Big National Banks: Open up the Wholesale Lending Channel

Closing wholesale mortgage channel by big banks is like killing the messenger because they did not like the message. The mortgage bust of 2008 was not created by wholesale mortgage brokers, but as elegantly depicted in the movie, The Big Short, everyone but the brokers. Brokers did not have their own money to lend. They were just a channel by which money was pumped in the housing market by unscrupulous bankers and secondary mortgage backed securities markets and the rating agencies.

Safeguards put in place to monitor the individual brokers since the crises, including vigorous testing and licensing and extensive back ground checks including criminal and most importantly credit checks to make sure those peddling credit can at least manage their own credit, have weeded out the dishonest and incompetent brokers out of the business. Only 6% of those brokers in business in 2008 remain in business today. This is the cream of the crop that consists of knowledgeable, caring, informed, honest and hard-working professionals who understand their clients’ needs on a personal basis and can suggest better options. Moreover, compensation caps instituted by Dodd-Frank limit what the brokers make, thus dis-incentivizing hard sell pitches.
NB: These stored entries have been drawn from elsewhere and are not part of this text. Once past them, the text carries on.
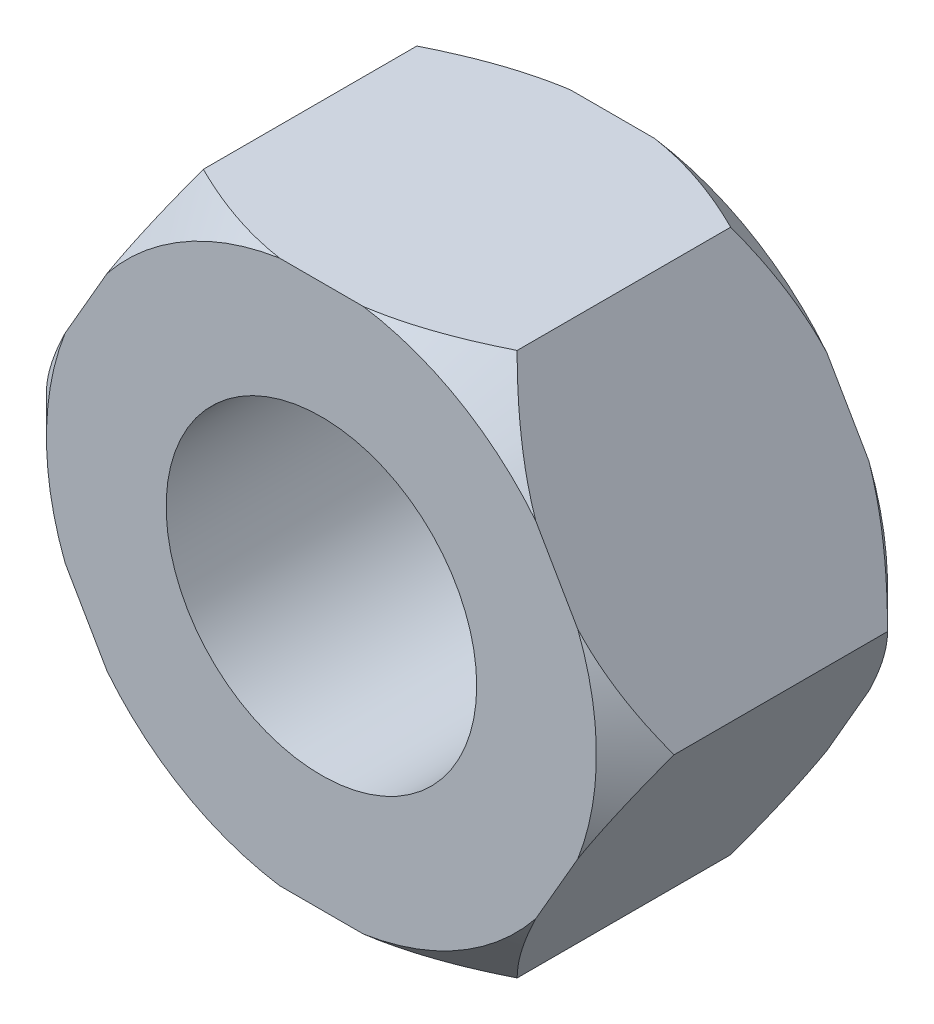
from build123d import *

# Parameters (mm, degrees)
HEX_BODY_15_THICK_DEPTH = 7.5
BORE_PROFILE_16_R       = 8
BORE_16_THRU_DEPTH      = 7.5


with BuildPart() as part:
    # Hex Profile 28 AF → Hex Body 15 Thick (new, symmetric)
    with BuildSketch(Plane.XY):
        Polygon((16.165807537, 0), (8.082903769, 14), (-8.082903769, 14), (-16.165807537, 0), (-8.082903769, -14), (8.082903769, -14), align=None)
    extrude(amount=HEX_BODY_15_THICK_DEPTH, both=True)

    # Bore Profile Ø16 → Bore Ø16 Thru (cut, symmetric)
    with BuildSketch(Plane.XY):
        Circle(BORE_PROFILE_16_R)
    extrude(amount=BORE_16_THRU_DEPTH, both=True, mode=Mode.SUBTRACT)

    # Chamfer Profile 2mm → Double-Sided Chamfer 2mm (revolve, cut)
    with BuildSketch(Plane(origin=(0, 0, 0), x_dir=(1, 0, 0), z_dir=(0, 1, 0))):
        Polygon((16.165807537, 7.5), (16.165807537, 5.5), (14.165807537, 7.5), align=None)
        Polygon((16.165807537, -7.5), (16.165807537, -5.5), (14.165807537, -7.5), align=None)
    revolve(axis=Axis((0, 0, 1000), (0, 0, -1)), mode=Mode.SUBTRACT)


solid = part.part
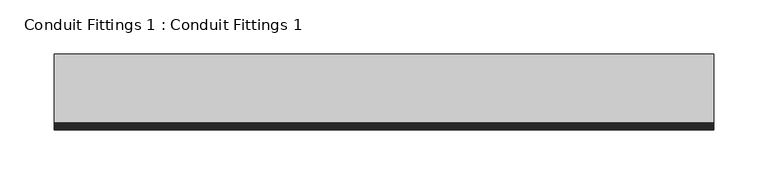
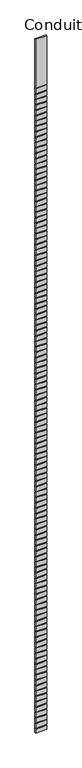
"""IFC4 building model written with IfcOpenShell, lengths in millimetres: cable carrier fitting geometry, Conduit Fittings 1 : Conduit Fittings 1."""

from ifc_helpers import new_model, si_unit, frame, origin, place, context, project, spatial, polyline, outline, extrude, source, transform, mapped, element, save


def conduit_fittings_1_conduit_fittings_1_d54f14cf(model_context):
    return source(origin(), model_context, "Body", "SweptSolid", [
        extrude(outline(polyline([(-5870.497125, -371.2934478), (-6480.097125, -371.2934478), (-6480.097125, -307.7934478), (-5870.497125, -307.7934478), (-5870.497125, -371.2934478)])), frame((0.0, 0.0, 2946.4), z_axis=(0.0, 0.0, 1.0), x_axis=(1.0, 0.0, 0.0)), (0.0, 0.0, 1.0), 225.4745322),
        extrude(outline(polyline([(-5870.497125, -371.2934478), (-6480.097125, -371.2934478), (-6480.097125, -307.7934478), (-5870.497125, -307.7934478), (-5870.497125, -371.2934478)])), frame((0.0, 0.0, 39493.8745322), z_axis=(0.0, 0.0, 1.0), x_axis=(1.0, 0.0, 0.0)), (0.0, 0.0, 1.0), 2771.7254678),
        extrude(outline(polyline([(-5870.497125, -371.2934478), (-6480.097125, -371.2934478), (-6480.097125, -307.7934478), (-5870.497125, -307.7934478), (-5870.497125, -371.2934478)])), frame((0.0, 0.0, 3222.6745322), z_axis=(0.0, 0.0, 1.0), x_axis=(1.0, 0.0, 0.0)), (0.0, 0.0, 1.0), 254.0),
        extrude(outline(polyline([(-5870.497125, -371.2934478), (-6480.097125, -371.2934478), (-6480.097125, -307.7934478), (-5870.497125, -307.7934478), (-5870.497125, -371.2934478)])), frame((0.0, 0.0, 3527.4745322), z_axis=(0.0, 0.0, 1.0), x_axis=(1.0, 0.0, 0.0)), (0.0, 0.0, 1.0), 254.0),
        extrude(outline(polyline([(-5870.497125, -371.2934478), (-6480.097125, -371.2934478), (-6480.097125, -307.7934478), (-5870.497125, -307.7934478), (-5870.497125, -371.2934478)])), frame((0.0, 0.0, 3832.2745322), z_axis=(0.0, 0.0, 1.0), x_axis=(1.0, 0.0, 0.0)), (0.0, 0.0, 1.0), 254.0),
        extrude(outline(polyline([(-5870.497125, -371.2934478), (-6480.097125, -371.2934478), (-6480.097125, -307.7934478), (-5870.497125, -307.7934478), (-5870.497125, -371.2934478)])), frame((0.0, 0.0, 4137.0745322), z_axis=(0.0, 0.0, 1.0), x_axis=(1.0, 0.0, 0.0)), (0.0, 0.0, 1.0), 254.0),
        extrude(outline(polyline([(-5870.497125, -371.2934478), (-6480.097125, -371.2934478), (-6480.097125, -307.7934478), (-5870.497125, -307.7934478), (-5870.497125, -371.2934478)])), frame((0.0, 0.0, 4441.8745322), z_axis=(0.0, 0.0, 1.0), x_axis=(1.0, 0.0, 0.0)), (0.0, 0.0, 1.0), 254.0),
        extrude(outline(polyline([(-5870.497125, -371.2934478), (-6480.097125, -371.2934478), (-6480.097125, -307.7934478), (-5870.497125, -307.7934478), (-5870.497125, -371.2934478)])), frame((0.0, 0.0, 4746.6745322), z_axis=(0.0, 0.0, 1.0), x_axis=(1.0, 0.0, 0.0)), (0.0, 0.0, 1.0), 254.0),
        extrude(outline(polyline([(-5870.497125, -371.2934478), (-6480.097125, -371.2934478), (-6480.097125, -307.7934478), (-5870.497125, -307.7934478), (-5870.497125, -371.2934478)])), frame((0.0, 0.0, 5051.4745322), z_axis=(0.0, 0.0, 1.0), x_axis=(1.0, 0.0, 0.0)), (0.0, 0.0, 1.0), 254.0),
        extrude(outline(polyline([(-5870.497125, -371.2934478), (-6480.097125, -371.2934478), (-6480.097125, -307.7934478), (-5870.497125, -307.7934478), (-5870.497125, -371.2934478)])), frame((0.0, 0.0, 5356.2745322), z_axis=(0.0, 0.0, 1.0), x_axis=(1.0, 0.0, 0.0)), (0.0, 0.0, 1.0), 254.0),
        extrude(outline(polyline([(-5870.497125, -371.2934478), (-6480.097125, -371.2934478), (-6480.097125, -307.7934478), (-5870.497125, -307.7934478), (-5870.497125, -371.2934478)])), frame((0.0, 0.0, 5661.0745322), z_axis=(0.0, 0.0, 1.0), x_axis=(1.0, 0.0, 0.0)), (0.0, 0.0, 1.0), 254.0),
        extrude(outline(polyline([(-5870.497125, -371.2934478), (-6480.097125, -371.2934478), (-6480.097125, -307.7934478), (-5870.497125, -307.7934478), (-5870.497125, -371.2934478)])), frame((0.0, 0.0, 5965.8745322), z_axis=(0.0, 0.0, 1.0), x_axis=(1.0, 0.0, 0.0)), (0.0, 0.0, 1.0), 254.0),
        extrude(outline(polyline([(-5870.497125, -371.2934478), (-6480.097125, -371.2934478), (-6480.097125, -307.7934478), (-5870.497125, -307.7934478), (-5870.497125, -371.2934478)])), frame((0.0, 0.0, 6270.6745322), z_axis=(0.0, 0.0, 1.0), x_axis=(1.0, 0.0, 0.0)), (0.0, 0.0, 1.0), 254.0),
        extrude(outline(polyline([(-5870.497125, -371.2934478), (-6480.097125, -371.2934478), (-6480.097125, -307.7934478), (-5870.497125, -307.7934478), (-5870.497125, -371.2934478)])), frame((0.0, 0.0, 6575.4745322), z_axis=(0.0, 0.0, 1.0), x_axis=(1.0, 0.0, 0.0)), (0.0, 0.0, 1.0), 254.0),
        extrude(outline(polyline([(-5870.497125, -371.2934478), (-6480.097125, -371.2934478), (-6480.097125, -307.7934478), (-5870.497125, -307.7934478), (-5870.497125, -371.2934478)])), frame((0.0, 0.0, 6880.2745322), z_axis=(0.0, 0.0, 1.0), x_axis=(1.0, 0.0, 0.0)), (0.0, 0.0, 1.0), 254.0),
        extrude(outline(polyline([(-5870.497125, -371.2934478), (-6480.097125, -371.2934478), (-6480.097125, -307.7934478), (-5870.497125, -307.7934478), (-5870.497125, -371.2934478)])), frame((0.0, 0.0, 7185.0745322), z_axis=(0.0, 0.0, 1.0), x_axis=(1.0, 0.0, 0.0)), (0.0, 0.0, 1.0), 254.0),
        extrude(outline(polyline([(-5870.497125, -371.2934478), (-6480.097125, -371.2934478), (-6480.097125, -307.7934478), (-5870.497125, -307.7934478), (-5870.497125, -371.2934478)])), frame((0.0, 0.0, 7489.8745322), z_axis=(0.0, 0.0, 1.0), x_axis=(1.0, 0.0, 0.0)), (0.0, 0.0, 1.0), 254.0),
        extrude(outline(polyline([(-5870.497125, -371.2934478), (-6480.097125, -371.2934478), (-6480.097125, -307.7934478), (-5870.497125, -307.7934478), (-5870.497125, -371.2934478)])), frame((0.0, 0.0, 7794.6745322), z_axis=(0.0, 0.0, 1.0), x_axis=(1.0, 0.0, 0.0)), (0.0, 0.0, 1.0), 254.0),
        extrude(outline(polyline([(-5870.497125, -371.2934478), (-6480.097125, -371.2934478), (-6480.097125, -307.7934478), (-5870.497125, -307.7934478), (-5870.497125, -371.2934478)])), frame((0.0, 0.0, 8099.4745322), z_axis=(0.0, 0.0, 1.0), x_axis=(1.0, 0.0, 0.0)), (0.0, 0.0, 1.0), 254.0),
        extrude(outline(polyline([(-5870.497125, -371.2934478), (-6480.097125, -371.2934478), (-6480.097125, -307.7934478), (-5870.497125, -307.7934478), (-5870.497125, -371.2934478)])), frame((0.0, 0.0, 8404.2745322), z_axis=(0.0, 0.0, 1.0), x_axis=(1.0, 0.0, 0.0)), (0.0, 0.0, 1.0), 254.0),
        extrude(outline(polyline([(-5870.497125, -371.2934478), (-6480.097125, -371.2934478), (-6480.097125, -307.7934478), (-5870.497125, -307.7934478), (-5870.497125, -371.2934478)])), frame((0.0, 0.0, 8709.0745322), z_axis=(0.0, 0.0, 1.0), x_axis=(1.0, 0.0, 0.0)), (0.0, 0.0, 1.0), 254.0),
        extrude(outline(polyline([(-5870.497125, -371.2934478), (-6480.097125, -371.2934478), (-6480.097125, -307.7934478), (-5870.497125, -307.7934478), (-5870.497125, -371.2934478)])), frame((0.0, 0.0, 9013.8745322), z_axis=(0.0, 0.0, 1.0), x_axis=(1.0, 0.0, 0.0)), (0.0, 0.0, 1.0), 254.0),
        extrude(outline(polyline([(-5870.497125, -371.2934478), (-6480.097125, -371.2934478), (-6480.097125, -307.7934478), (-5870.497125, -307.7934478), (-5870.497125, -371.2934478)])), frame((0.0, 0.0, 9318.6745322), z_axis=(0.0, 0.0, 1.0), x_axis=(1.0, 0.0, 0.0)), (0.0, 0.0, 1.0), 254.0),
        extrude(outline(polyline([(-5870.497125, -371.2934478), (-6480.097125, -371.2934478), (-6480.097125, -307.7934478), (-5870.497125, -307.7934478), (-5870.497125, -371.2934478)])), frame((0.0, 0.0, 9623.4745322), z_axis=(0.0, 0.0, 1.0), x_axis=(1.0, 0.0, 0.0)), (0.0, 0.0, 1.0), 254.0),
        extrude(outline(polyline([(-5870.497125, -371.2934478), (-6480.097125, -371.2934478), (-6480.097125, -307.7934478), (-5870.497125, -307.7934478), (-5870.497125, -371.2934478)])), frame((0.0, 0.0, 9928.2745322), z_axis=(0.0, 0.0, 1.0), x_axis=(1.0, 0.0, 0.0)), (0.0, 0.0, 1.0), 254.0),
        extrude(outline(polyline([(-5870.497125, -371.2934478), (-6480.097125, -371.2934478), (-6480.097125, -307.7934478), (-5870.497125, -307.7934478), (-5870.497125, -371.2934478)])), frame((0.0, 0.0, 10233.0745322), z_axis=(0.0, 0.0, 1.0), x_axis=(1.0, 0.0, 0.0)), (0.0, 0.0, 1.0), 254.0),
        extrude(outline(polyline([(-5870.497125, -371.2934478), (-6480.097125, -371.2934478), (-6480.097125, -307.7934478), (-5870.497125, -307.7934478), (-5870.497125, -371.2934478)])), frame((0.0, 0.0, 10537.8745322), z_axis=(0.0, 0.0, 1.0), x_axis=(1.0, 0.0, 0.0)), (0.0, 0.0, 1.0), 254.0),
        extrude(outline(polyline([(-5870.497125, -371.2934478), (-6480.097125, -371.2934478), (-6480.097125, -307.7934478), (-5870.497125, -307.7934478), (-5870.497125, -371.2934478)])), frame((0.0, 0.0, 10842.6745322), z_axis=(0.0, 0.0, 1.0), x_axis=(1.0, 0.0, 0.0)), (0.0, 0.0, 1.0), 254.0),
        extrude(outline(polyline([(-5870.497125, -371.2934478), (-6480.097125, -371.2934478), (-6480.097125, -307.7934478), (-5870.497125, -307.7934478), (-5870.497125, -371.2934478)])), frame((0.0, 0.0, 11147.4745322), z_axis=(0.0, 0.0, 1.0), x_axis=(1.0, 0.0, 0.0)), (0.0, 0.0, 1.0), 254.0),
        extrude(outline(polyline([(-5870.497125, -371.2934478), (-6480.097125, -371.2934478), (-6480.097125, -307.7934478), (-5870.497125, -307.7934478), (-5870.497125, -371.2934478)])), frame((0.0, 0.0, 11452.2745322), z_axis=(0.0, 0.0, 1.0), x_axis=(1.0, 0.0, 0.0)), (0.0, 0.0, 1.0), 254.0),
        extrude(outline(polyline([(-5870.497125, -371.2934478), (-6480.097125, -371.2934478), (-6480.097125, -307.7934478), (-5870.497125, -307.7934478), (-5870.497125, -371.2934478)])), frame((0.0, 0.0, 11757.0745322), z_axis=(0.0, 0.0, 1.0), x_axis=(1.0, 0.0, 0.0)), (0.0, 0.0, 1.0), 254.0),
        extrude(outline(polyline([(-5870.497125, -371.2934478), (-6480.097125, -371.2934478), (-6480.097125, -307.7934478), (-5870.497125, -307.7934478), (-5870.497125, -371.2934478)])), frame((0.0, 0.0, 12061.8745322), z_axis=(0.0, 0.0, 1.0), x_axis=(1.0, 0.0, 0.0)), (0.0, 0.0, 1.0), 254.0),
        extrude(outline(polyline([(-5870.497125, -371.2934478), (-6480.097125, -371.2934478), (-6480.097125, -307.7934478), (-5870.497125, -307.7934478), (-5870.497125, -371.2934478)])), frame((0.0, 0.0, 12366.6745322), z_axis=(0.0, 0.0, 1.0), x_axis=(1.0, 0.0, 0.0)), (0.0, 0.0, 1.0), 254.0),
        extrude(outline(polyline([(-5870.497125, -371.2934478), (-6480.097125, -371.2934478), (-6480.097125, -307.7934478), (-5870.497125, -307.7934478), (-5870.497125, -371.2934478)])), frame((0.0, 0.0, 12671.4745322), z_axis=(0.0, 0.0, 1.0), x_axis=(1.0, 0.0, 0.0)), (0.0, 0.0, 1.0), 254.0),
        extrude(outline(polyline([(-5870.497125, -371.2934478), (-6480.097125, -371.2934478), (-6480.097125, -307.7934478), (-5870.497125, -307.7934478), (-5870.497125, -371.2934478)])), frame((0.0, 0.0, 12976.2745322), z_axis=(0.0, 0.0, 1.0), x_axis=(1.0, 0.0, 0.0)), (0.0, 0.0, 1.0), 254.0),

Therefore, besides opening the alt-a loans, as discussed in my post of a few days ago, the big banks need to re-open the wholesale channel. This a win-win situation for all. Banks will save the massive overhead expenses they incur in opening and managing big facilities and brokers who have a more direct relationship with the consumer can provide better service and a menu of options. With the new safeguards in place, this channel is critical to providing credit to a large swath of borrowers. This is good for the consumer, the housing market and the overall economy.